# Don't take your slingshot to the rat temple!



## ShockleysWW4Slingbows (Jul 3, 2014)

There rats are not pests but deities!

http://video.nationalgeographic.com/video/india-rattemple-pp


----------



## treefork (Feb 1, 2010)

Is this what you believe ?


----------



## ghost0311/8541 (Jan 6, 2013)

hey let play ring around the rosies lets let them start and then end it.


----------



## Tentacle Toast (Jan 17, 2013)

This is Dahlia. She isn't a god (though she might disagree), but she is the one rat in my life that is immune to slingshot justice:









Believe it or not, they are petworthy on the level with dogs...the intelligence is beyond belief, if you ever get to know one...


----------



## BillyBob (May 22, 2014)

I had a pet rat when I was a kid. Tentacletoast is right they do make nice interesting pets.

Wouldn't have shared my dinner with mine and a few dozen of her friends though...


----------



## Tentacle Toast (Jan 17, 2013)

BillyBob said:


> I had a pet rat when I was a kid. Tentacletoast is right they do make nice interesting pets.
> Wouldn't have shared my dinner with mine and a few dozen of her friends though...

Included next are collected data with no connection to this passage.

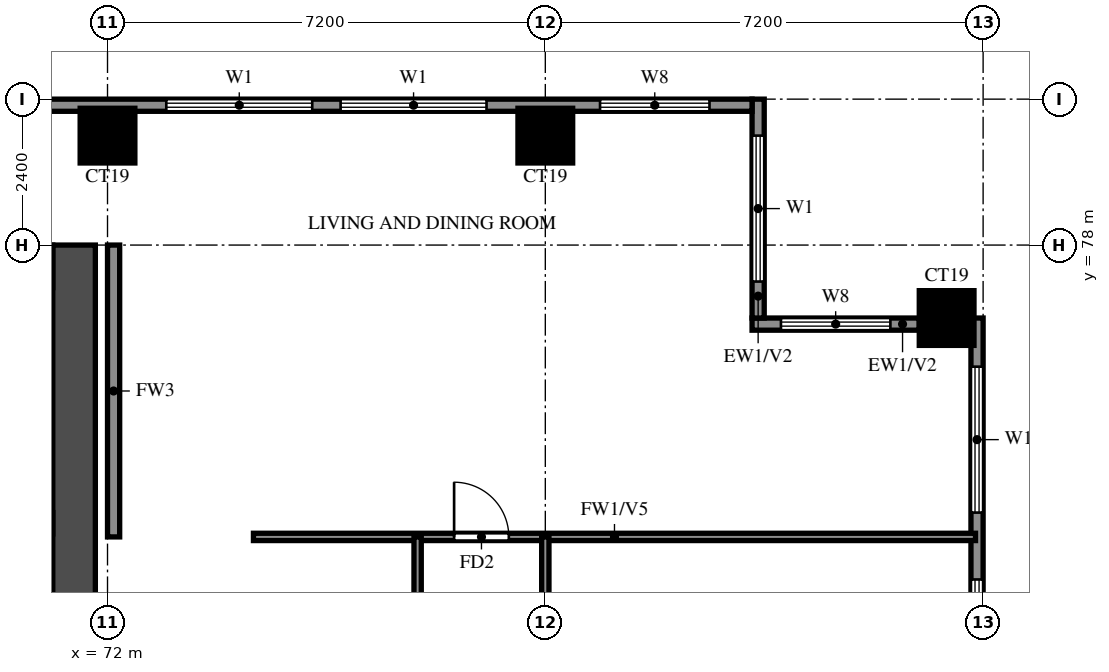
"""IFC4 building model, lengths in metres.
Left out: names, types, materials, properties, quantities, classifications, styles, units other than length and angle.
Written with IfcOpenShell. Run it as: python <this file> out.ifc"""

import sys

from ifc_helpers import new_model, si_unit, direction, frame, frame_2d, origin, origin_2d, place, context, subcontext, project, spatial, rectangle, extrude, source, transform, mapped, element, fill, save


model = new_model("IFC4")
c1 = context("Model", 3, precision=1e-05, world=origin(), true_north=direction((0.0, 1.0)))
c2 = subcontext(c1, "Body", "Model", "MODEL_VIEW")
j1 = project(units=[si_unit("LENGTHUNIT", "METRE"), si_unit("PLANEANGLEUNIT", "RADIAN")], contexts=[c1])
p1 = place(None, origin())
s1 = spatial("IfcSite", under=j1, at=p1, CompositionType="ELEMENT")
p2 = place(p1, origin())
s2 = spatial("IfcBuilding", under=s1, at=p2, CompositionType="ELEMENT")
p3 = place(p2, frame((0.0, 0.0, 127.0)))
s3 = spatial("IfcBuildingStorey", under=s2, at=p3, CompositionType="ELEMENT", Elevation=127.0)
m1 = source(origin(), c2, "Body", "SweptSolid", [
    extrude(rectangle(XDim=0.9, YDim=0.9, at=origin_2d()), origin(), (0.0, 0.0, 1.0), 3.2),
])
for number, where, z_axis, x_axis in (
    (1, (85.8, 76.8, 0.0), (0.0, 0.0, 1.0), (1.0, 0.0, 0.0)),
    (2, (72.0, 79.8, 0.0), (0.0, 0.0, 1.0), (1.0, 0.0, 0.0)),
    (3, (79.2, 79.8, 0.0), (0.0, 0.0, 1.0), (1.0, 0.0, 0.0)),
):
    element("IfcColumn", number, at=place(p3, frame(where, z_axis=z_axis, x_axis=x_axis)), inside=s3, PredefinedType="COLUMN", context=c2, shape_type="MappedRepresentation", body=[
        mapped(m1, transform((0.0, 0.0, 0.0))),
    ])
p4 = place(p3, frame((71.45, 66.1, 0.0), z_axis=(0.0, 0.0, 1.0), x_axis=(0.0, 1.0, 0.0)))
e4 = element("IfcWall", 4, at=p4, inside=s3, PredefinedType="SHEAR", context=c2, shape_type="SweptSolid", body=[
    extrude(rectangle(XDim=11.9, YDim=0.7, at=frame_2d((5.95, 0.0))), origin(), (0.0, 0.0, 1.0), 3.2),
])
p5 = place(p3, frame((29.7, 77.65, 0.0), z_axis=(0.0, 0.0, 1.0), x_axis=(1.0, 0.0, 0.0)))
e5 = element("IfcWall", 5, at=p5, inside=s3, PredefinedType="SHEAR", context=c2, shape_type="SweptSolid", body=[
    extrude(rectangle(XDim=41.4, YDim=0.7, at=frame_2d((20.7, 0.0))), origin(), (0.0, 0.0, 1.0), 3.2),
])
p6 = place(p3, frame((86.3, 48.2, 0.0), z_axis=(0.0, 0.0, 1.0), x_axis=(0.0, 1.0, 0.0)))
e6 = element("IfcWall", 6, at=p6, inside=s3, PredefinedType="SOLIDWALL", context=c2, shape_type="SweptSolid", body=[
    extrude(rectangle(XDim=28.6, YDim=0.2, at=frame_2d((14.3, 0.0))), origin(), (0.0, 0.0, 1.0), 3.2),
])
p7 = place(p6, frame((11.5, 0.0, 0.0)))
e7 = element("IfcOpeningElement", 7, at=p7, cuts=e6, PredefinedType="OPENING", context=c2, shape_type="SweptSolid", body=[
    extrude(rectangle(XDim=1.8, YDim=2.4, at=frame_2d((0.9, 1.2))), frame((0.0, 0.11, 0.0), z_axis=(0.0, -1.0, 0.0), x_axis=(1.0, 0.0, 0.0)), (0.0, 0.0, 1.0), 0.22),
])
p8 = place(p6, frame((0.767, 0.0, 0.6)))
e8 = element("IfcOpeningElement", 8, at=p8, cuts=e6, PredefinedType="OPENING", context=c2, shape_type="SweptSolid", body=[
    extrude(rectangle(XDim=2.4, YDim=2.4, at=frame_2d((1.2, 1.2))), frame((0.0, 0.11, 0.0), z_axis=(0.0, -1.0, 0.0), x_axis=(1.0, 0.0, 0.0)), (0.0, 0.0, 1.0), 0.22),
])
p9 = place(p6, frame((3.633, 0.0, 0.6)))
e9 = element("IfcOpeningElement", 9, at=p9, cuts=e6, PredefinedType="OPENING", context=c2, shape_type="SweptSolid", body=[
    extrude(rectangle(XDim=2.4, YDim=2.4, at=frame_2d((1.2, 1.2))), frame((0.0, 0.11, 0.0), z_axis=(0.0, -1.0, 0.0), x_axis=(1.0, 0.0, 0.0)), (0.0, 0.0, 1.0), 0.22),
])
p10 = place(p6, frame((7.8, 0.0, 0.6)))
e10 = element("IfcOpeningElement", 10, at=p10, cuts=e6, PredefinedType="OPENING", context=c2, shape_type="SweptSolid", body=[
    extrude(rectangle(XDim=1.2, YDim=2.4, at=frame_2d((0.6, 1.2))), frame((0.0, 0.11, 0.0), z_axis=(0.0, -1.0, 0.0), x_axis=(1.0, 0.0, 0.0)), (0.0, 0.0, 1.0), 0.22),
])
p11 = place(p6, frame((14.85, 0.0, 0.6)))
e11 = element("IfcOpeningElement", 11, at=p11, cuts=e6, PredefinedType="OPENING", context=c2, shape_type="SweptSolid", body=[
    extrude(rectangle(XDim=0.9, YDim=2.4, at=frame_2d((0.45, 1.2))), frame((0.0, 0.11, 0.0), z_axis=(0.0, -1.0, 0.0), x_axis=(1.0, 0.0, 0.0)), (0.0, 0.0, 1.0), 0.22),
])
p12 = place(p6, frame((16.75, 0.0, 0.6)))
e12 = element("IfcOpeningElement", 12, at=p12, cuts=e6, PredefinedType="OPENING", context=c2, shape_type="SweptSolid", body=[
    extrude(rectangle(XDim=0.9, YDim=2.4, at=frame_2d((0.45, 1.2))), frame((0.0, 0.11, 0.0), z_axis=(0.0, -1.0, 0.0), x_axis=(1.0, 0.0, 0.0)), (0.0, 0.0, 1.0), 0.22),
])
p13 = place(p6, frame((18.2, 0.0, 0.6)))
e13 = element("IfcOpeningElement", 13, at=p13, cuts=e6, PredefinedType="OPENING", context=c2, shape_type="SweptSolid", body=[
    extrude(rectangle(XDim=2.4, YDim=2.4, at=frame_2d((1.2, 1.2))), frame((0.0, 0.11, 0.0), z_axis=(0.0, -1.0, 0.0), x_axis=(1.0, 0.0, 0.0)), (0.0, 0.0, 1.0), 0.22),
])
p14 = place(p6, frame((22.5, 0.0, 0.6)))
e14 = element("IfcOpeningElement", 14, at=p14, cuts=e6, PredefinedType="OPENING", context=c2, shape_type="SweptSolid", body=[
    extrude(rectangle(XDim=1.8, YDim=2.4, at=frame_2d((0.9, 1.2))), frame((0.0, 0.11, 0.0), z_axis=(0.0, -1.0, 0.0), x_axis=(1.0, 0.0, 0.0)), (0.0, 0.0, 1.0), 0.22),
])
p15 = place(p6, frame((25.4, 0.0, 0.6)))
e15 = element("IfcOpeningElement", 15, at=p15, cuts=e6, PredefinedType="OPENING", context=c2, shape_type="SweptSolid", body=[
    extrude(rectangle(XDim=2.4, YDim=2.4, at=frame_2d((1.2, 1.2))), frame((0.0, 0.11, 0.0), z_axis=(0.0, -1.0, 0.0), x_axis=(1.0, 0.0, 0.0)), (0.0, 0.0, 1.0), 0.22),
])
p16 = place(p3, frame((85.35, 76.7, 0.0), z_axis=(0.0, 0.0, 1.0), x_axis=(-1.0, 0.0, 0.0)))
e16 = element("IfcWall", 16, at=p16, inside=s3, PredefinedType="SOLIDWALL", context=c2, shape_type="SweptSolid", body=[
    extrude(rectangle(XDim=2.75, YDim=0.2, at=frame_2d((1.375, 0.0))), origin(), (0.0, 0.0, 1.0), 3.2),
])
p17 = place(p16, frame((0.475, 0.0, 0.6)))
e17 = element("IfcOpeningElement", 17, at=p17, cuts=e16, PredefinedType="OPENING", context=c2, shape_type="SweptSolid", body=[
    extrude(rectangle(XDim=1.8, YDim=2.4, at=frame_2d((0.9, 1.2))), frame((0.0, 0.11, 0.0), z_axis=(0.0, -1.0, 0.0), x_axis=(1.0, 0.0, 0.0)), (0.0, 0.0, 1.0), 0.22),
])
p18 = place(p3, frame((82.7, 76.8, 0.0), z_axis=(0.0, 0.0, 1.0), x_axis=(0.0, 1.0, 0.0)))
e18 = element("IfcWall", 18, at=p18, inside=s3, PredefinedType="SOLIDWALL", context=c2, shape_type="SweptSolid", body=[
    extrude(rectangle(XDim=3.6, YDim=0.2, at=frame_2d((1.8, 0.0))), origin(), (0.0, 0.0, 1.0), 3.2),
])
p19 = place(p18, frame((0.6, 0.0, 0.6)))
e19 = element("IfcOpeningElement", 19, at=p19, cuts=e18, PredefinedType="OPENING", context=c2, shape_type="SweptSolid", body=[
    extrude(rectangle(XDim=2.4, YDim=2.4, at=frame_2d((1.2, 1.2))), frame((0.0, 0.11, 0.0), z_axis=(0.0, -1.0, 0.0), x_axis=(1.0, 0.0, 0.0)), (0.0, 0.0, 1.0), 0.22),
])
p20 = place(p3, frame((82.6, 80.3, 0.0), z_axis=(0.0, 0.0, 1.0), x_axis=(-1.0, 0.0, 0.0)))
e20 = element("IfcWall", 20, at=p20, inside=s3, PredefinedType="SOLIDWALL", context=c2, shape_type="SweptSolid", body=[
    extrude(rectangle(XDim=53.8, YDim=0.2, at=frame_2d((26.9, 0.0))), origin(), (0.0, 0.0, 1.0), 3.2),
])
p21 = place(p20, frame((0.7, 0.0, 0.6)))
e21 = element("IfcOpeningElement", 21, at=p21, cuts=e20, PredefinedType="OPENING", context=c2, shape_type="SweptSolid", body=[
    extrude(rectangle(XDim=1.8, YDim=2.4, at=frame_2d((0.9, 1.2))), frame((0.0, 0.11, 0.0), z_axis=(0.0, -1.0, 0.0), x_axis=(1.0, 0.0, 0.0)), (0.0, 0.0, 1.0), 0.22),
])
p22 = place(p20, frame((4.367, 0.0, 0.6)))
e22 = element("IfcOpeningElement", 22, at=p22, cuts=e20, PredefinedType="OPENING", context=c2, shape_type="SweptSolid", body=[
    extrude(rectangle(XDim=2.4, YDim=2.4, at=frame_2d((1.2, 1.2))), frame((0.0, 0.11, 0.0), z_axis=(0.0, -1.0, 0.0), x_axis=(1.0, 0.0, 0.0)), (0.0, 0.0, 1.0), 0.22),
])
p23 = place(p20, frame((7.233, 0.0, 0.6)))
e23 = element("IfcOpeningElement", 23, at=p23, cuts=e20, PredefinedType="OPENING", context=c2, shape_type="SweptSolid", body=[
    extrude(rectangle(XDim=2.4, YDim=2.4, at=frame_2d((1.2, 1.2))), frame((0.0, 0.11, 0.0), z_axis=(0.0, -1.0, 0.0), x_axis=(1.0, 0.0, 0.0)), (0.0, 0.0, 1.0), 0.22),
])
p24 = place(p3, frame((72.1, 73.2, 0.0), z_axis=(0.0, 0.0, 1.0), x_axis=(0.0, 1.0, 0.0)))
e24 = element("IfcWall", 24, at=p24, inside=s3, PredefinedType="SOLIDWALL", context=c2, shape_type="SweptSolid", body=[
    extrude(rectangle(XDim=4.8, YDim=0.2, at=frame_2d((2.4, 0.0))), origin(), (0.0, 0.0, 1.0), 3.2),
])
p25 = place(p3, frame((74.4, 73.2, 0.0), z_axis=(0.0, 0.0, 1.0), x_axis=(1.0, 0.0, 0.0)))
e25 = element("IfcWall", 25, at=p25, inside=s3, PredefinedType="PARTITIONING", context=c2, shape_type="SweptSolid", body=[
    extrude(rectangle(XDim=11.875, YDim=0.12, at=frame_2d((5.938, 0.0))), origin(), (0.0, 0.0, 1.0), 2.3),
])
p26 = place(p25, frame((3.3, 0.0, 0.0)))
e26 = element("IfcOpeningElement", 26, at=p26, cuts=e25, PredefinedType="OPENING", context=c2, shape_type="SweptSolid", body=[
    extrude(rectangle(XDim=0.9, YDim=2.1, at=frame_2d((0.45, 1.05))), frame((0.0, 0.07, 0.0), z_axis=(0.0, -1.0, 0.0), x_axis=(1.0, 0.0, 0.0)), (0.0, 0.0, 1.0), 0.14),
])
p27 = place(p3, frame((77.1, 61.2, 0.0), z_axis=(0.0, 0.0, 1.0), x_axis=(0.0, 1.0, 0.0)))
e27 = element("IfcWall", 27, at=p27, inside=s3, PredefinedType="PARTITIONING", context=c2, shape_type="SweptSolid", body=[
    extrude(rectangle(XDim=12.0, YDim=0.12, at=frame_2d((6.0, 0.0))), origin(), (0.0, 0.0, 1.0), 3.2),
])
p28 = place(p27, frame((1.875, 0.0, 0.0)))
e28 = element("IfcOpeningElement", 28, at=p28, cuts=e27, PredefinedType="OPENING", context=c2, shape_type="SweptSolid", body=[
    extrude(rectangle(XDim=0.9, YDim=2.1, at=frame_2d((0.45, 1.05))), frame((0.0, 0.07, 0.0), z_axis=(0.0, -1.0, 0.0), x_axis=(1.0, 0.0, 0.0)), (0.0, 0.0, 1.0), 0.14),
])
p29 = place(p27, frame((5.5, 0.0, 0.0)))
e29 = element("IfcOpeningElement", 29, at=p29, cuts=e27, PredefinedType="OPENING", context=c2, shape_type="SweptSolid", body=[
    extrude(rectangle(XDim=0.8, YDim=2.1, at=frame_2d((0.4, 1.05))), frame((0.0, 0.07, 0.0), z_axis=(0.0, -1.0, 0.0), x_axis=(1.0, 0.0, 0.0)), (0.0, 0.0, 1.0), 0.14),
])
p30 = place(p27, frame((9.125, 0.0, 0.0)))
e30 = element("IfcOpeningElement", 30, at=p30, cuts=e27, PredefinedType="OPENING", context=c2, shape_type="SweptSolid", body=[
    extrude(rectangle(XDim=0.9, YDim=2.1, at=frame_2d((0.45, 1.05))), frame((0.0, 0.07, 0.0), z_axis=(0.0, -1.0, 0.0), x_axis=(1.0, 0.0, 0.0)), (0.0, 0.0, 1.0), 0.14),
])
p31 = place(p3, frame((79.2, 48.125, 0.0), z_axis=(0.0, 0.0, 1.0), x_axis=(0.0, 1.0, 0.0)))
e31 = element("IfcWall", 31, at=p31, inside=s3, PredefinedType="PARTITIONING", context=c2, shape_type="SweptSolid", body=[
    extrude(rectangle(XDim=25.075, YDim=0.12, at=frame_2d((12.538, 0.0))), origin(), (0.0, 0.0, 1.0), 3.2),
])
p32 = place(p31, frame((2.788, 0.0, 0.0)))
e32 = element("IfcOpeningElement", 32, at=p32, cuts=e31, PredefinedType="OPENING", context=c2, shape_type="SweptSolid", body=[
    extrude(rectangle(XDim=1.5, YDim=2.1, at=frame_2d((0.75, 1.05))), frame((0.0, 0.07, 0.0), z_axis=(0.0, -1.0, 0.0), x_axis=(1.0, 0.0, 0.0)), (0.0, 0.0, 1.0), 0.14),
])
p33 = place(p31, frame((8.425, 0.0, 0.0)))
e33 = element("IfcOpeningElement", 33, at=p33, cuts=e31, PredefinedType="OPENING", context=c2, shape_type="SweptSolid", body=[
    extrude(rectangle(XDim=0.9, YDim=2.1, at=frame_2d((0.45, 1.05))), frame((0.0, 0.07, 0.0), z_axis=(0.0, -1.0, 0.0), x_axis=(1.0, 0.0, 0.0)), (0.0, 0.0, 1.0), 0.14),
])
p34 = place(p31, frame((12.025, 0.0, 0.0)))
e34 = element("IfcOpeningElement", 34, at=p34, cuts=e31, PredefinedType="OPENING", context=c2, shape_type="SweptSolid", body=[
    extrude(rectangle(XDim=0.9, YDim=2.1, at=frame_2d((0.45, 1.05))), frame((0.0, 0.07, 0.0), z_axis=(0.0, -1.0, 0.0), x_axis=(1.0, 0.0, 0.0)), (0.0, 0.0, 1.0), 0.14),
])
p35 = place(p31, frame((15.625, 0.0, 0.0)))
e35 = element("IfcOpeningElement", 35, at=p35, cuts=e31, PredefinedType="OPENING", context=c2, shape_type="SweptSolid", body=[
    extrude(rectangle(XDim=0.9, YDim=2.1, at=frame_2d((0.45, 1.05))), frame((0.0, 0.07, 0.0), z_axis=(0.0, -1.0, 0.0), x_axis=(1.0, 0.0, 0.0)), (0.0, 0.0, 1.0), 0.14),
])
p36 = place(p31, frame((19.225, 0.0, 0.0)))
e36 = element("IfcOpeningElement", 36, at=p36, cuts=e31, PredefinedType="OPENING", context=c2, shape_type="SweptSolid", body=[
    extrude(rectangle(XDim=0.9, YDim=2.1, at=frame_2d((0.45, 1.05))), frame((0.0, 0.07, 0.0), z_axis=(0.0, -1.0, 0.0), x_axis=(1.0, 0.0, 0.0)), (0.0, 0.0, 1.0), 0.14),
])
p37 = place(p31, frame((22.825, 0.0, 0.0)))
e37 = element("IfcOpeningElement", 37, at=p37, cuts=e31, PredefinedType="OPENING", context=c2, shape_type="SweptSolid", body=[
    extrude(rectangle(XDim=0.9, YDim=2.1, at=frame_2d((0.45, 1.05))), frame((0.0, 0.07, 0.0), z_axis=(0.0, -1.0, 0.0), x_axis=(1.0, 0.0, 0.0)), (0.0, 0.0, 1.0), 0.14),
])
p38 = place(p14, origin())
e38 = element("IfcWindow", 38, at=p38, inside=s3, PartitioningType="DOUBLE_PANEL_VERTICAL", PredefinedType="WINDOW", context=c2, shape_type="SweptSolid", body=[
    extrude(rectangle(XDim=1.8, YDim=2.4, at=frame_2d((0.9, 1.2))), frame((0.0, 0.03, 0.0), z_axis=(0.0, -1.0, 0.0), x_axis=(1.0, 0.0, 0.0)), (0.0, 0.0, 1.0), 0.06),
])
fill(e14, e38)
p39 = place(p15, origin())
e39 = element("IfcWindow", 39, at=p39, inside=s3, PartitioningType="DOUBLE_PANEL_VERTICAL", PredefinedType="WINDOW", context=c2, shape_type="SweptSolid", body=[
    extrude(rectangle(XDim=2.4, YDim=2.4, at=frame_2d((1.2, 1.2))), frame((0.0, 0.03, 0.0), z_axis=(0.0, -1.0, 0.0), x_axis=(1.0, 0.0, 0.0)), (0.0, 0.0, 1.0), 0.06),
])
fill(e15, e39)
p40 = place(p17, origin())
e40 = element("IfcWindow", 40, at=p40, inside=s3, PartitioningType="DOUBLE_PANEL_VERTICAL", PredefinedType="WINDOW", context=c2, shape_type="SweptSolid", body=[
    extrude(rectangle(XDim=1.8, YDim=2.4, at=frame_2d((0.9, 1.2))), frame((0.0, 0.03, 0.0), z_axis=(0.0, -1.0, 0.0), x_axis=(1.0, 0.0, 0.0)), (0.0, 0.0, 1.0), 0.06),
])
fill(e17, e40)
p41 = place(p19, origin())
e41 = element("IfcWindow", 41, at=p41, inside=s3, PartitioningType="DOUBLE_PANEL_VERTICAL", PredefinedType="WINDOW", context=c2, shape_type="SweptSolid", body=[
    extrude(rectangle(XDim=2.4, YDim=2.4, at=frame_2d((1.2, 1.2))), frame((0.0, 0.03, 0.0), z_axis=(0.0, -1.0, 0.0), x_axis=(1.0, 0.0, 0.0)), (0.0, 0.0, 1.0), 0.06),
])
fill(e19, e41)
p42 = place(p21, origin())
e42 = element("IfcWindow", 42, at=p42, inside=s3, PartitioningType="DOUBLE_PANEL_VERTICAL", PredefinedType="WINDOW", context=c2, shape_type="SweptSolid", body=[
    extrude(rectangle(XDim=1.8, YDim=2.4, at=frame_2d((0.9, 1.2))), frame((0.0, 0.03, 0.0), z_axis=(0.0, -1.0, 0.0), x_axis=(1.0, 0.0, 0.0)), (0.0, 0.0, 1.0), 0.06),
])
fill(e21, e42)
p43 = place(p22, origin())
e43 = element("IfcWindow", 43, at=p43, inside=s3, PartitioningType="DOUBLE_PANEL_VERTICAL", PredefinedType="WINDOW", context=c2, shape_type="SweptSolid", body=[
    extrude(rectangle(XDim=2.4, YDim=2.4, at=frame_2d((1.2, 1.2))), frame((0.0, 0.03, 0.0), z_axis=(0.0, -1.0, 0.0), x_axis=(1.0, 0.0, 0.0)), (0.0, 0.0, 1.0), 0.06),
])
fill(e22, e43)
p44 = place(p23, origin())
e44 = element("IfcWindow", 44, at=p44, inside=s3, PartitioningType="DOUBLE_PANEL_VERTICAL", PredefinedType="WINDOW", context=c2, shape_type="SweptSolid", body=[
    extrude(rectangle(XDim=2.4, YDim=2.4, at=frame_2d((1.2, 1.2))), frame((0.0, 0.03, 0.0), z_axis=(0.0, -1.0, 0.0), x_axis=(1.0, 0.0, 0.0)), (0.0, 0.0, 1.0), 0.06),
])
fill(e23, e44)
p45 = place(p26, origin())
e45 = element("IfcDoor", 45, at=p45, inside=s3, OperationType="SINGLE_SWING_RIGHT", PredefinedType="DOOR", context=c2, shape_type="SweptSolid", body=[
    extrude(rectangle(XDim=0.9, YDim=2.1, at=frame_2d((0.45, 1.05))), frame((0.0, 0.025, 0.0), z_axis=(0.0, -1.0, 0.0), x_axis=(1.0, 0.0, 0.0)), (0.0, 0.0, 1.0), 0.05),
])
fill(e26, e45)
save(model, sys.argv[1])

No...certainly not (though she does appreciate the occasional meaty bone from dinner to gnaw on). She is a joy to have, though. I've kept one female rat at a time as a pet since childhood.


----------



## treefork (Feb 1, 2010)

View attachment 73923


View attachment 73924


----------



## D.Nelson (Feb 20, 2014)

I wish I had some rats to shoot!

Although I could only shoot problematic ones, which, I have never experienced...so...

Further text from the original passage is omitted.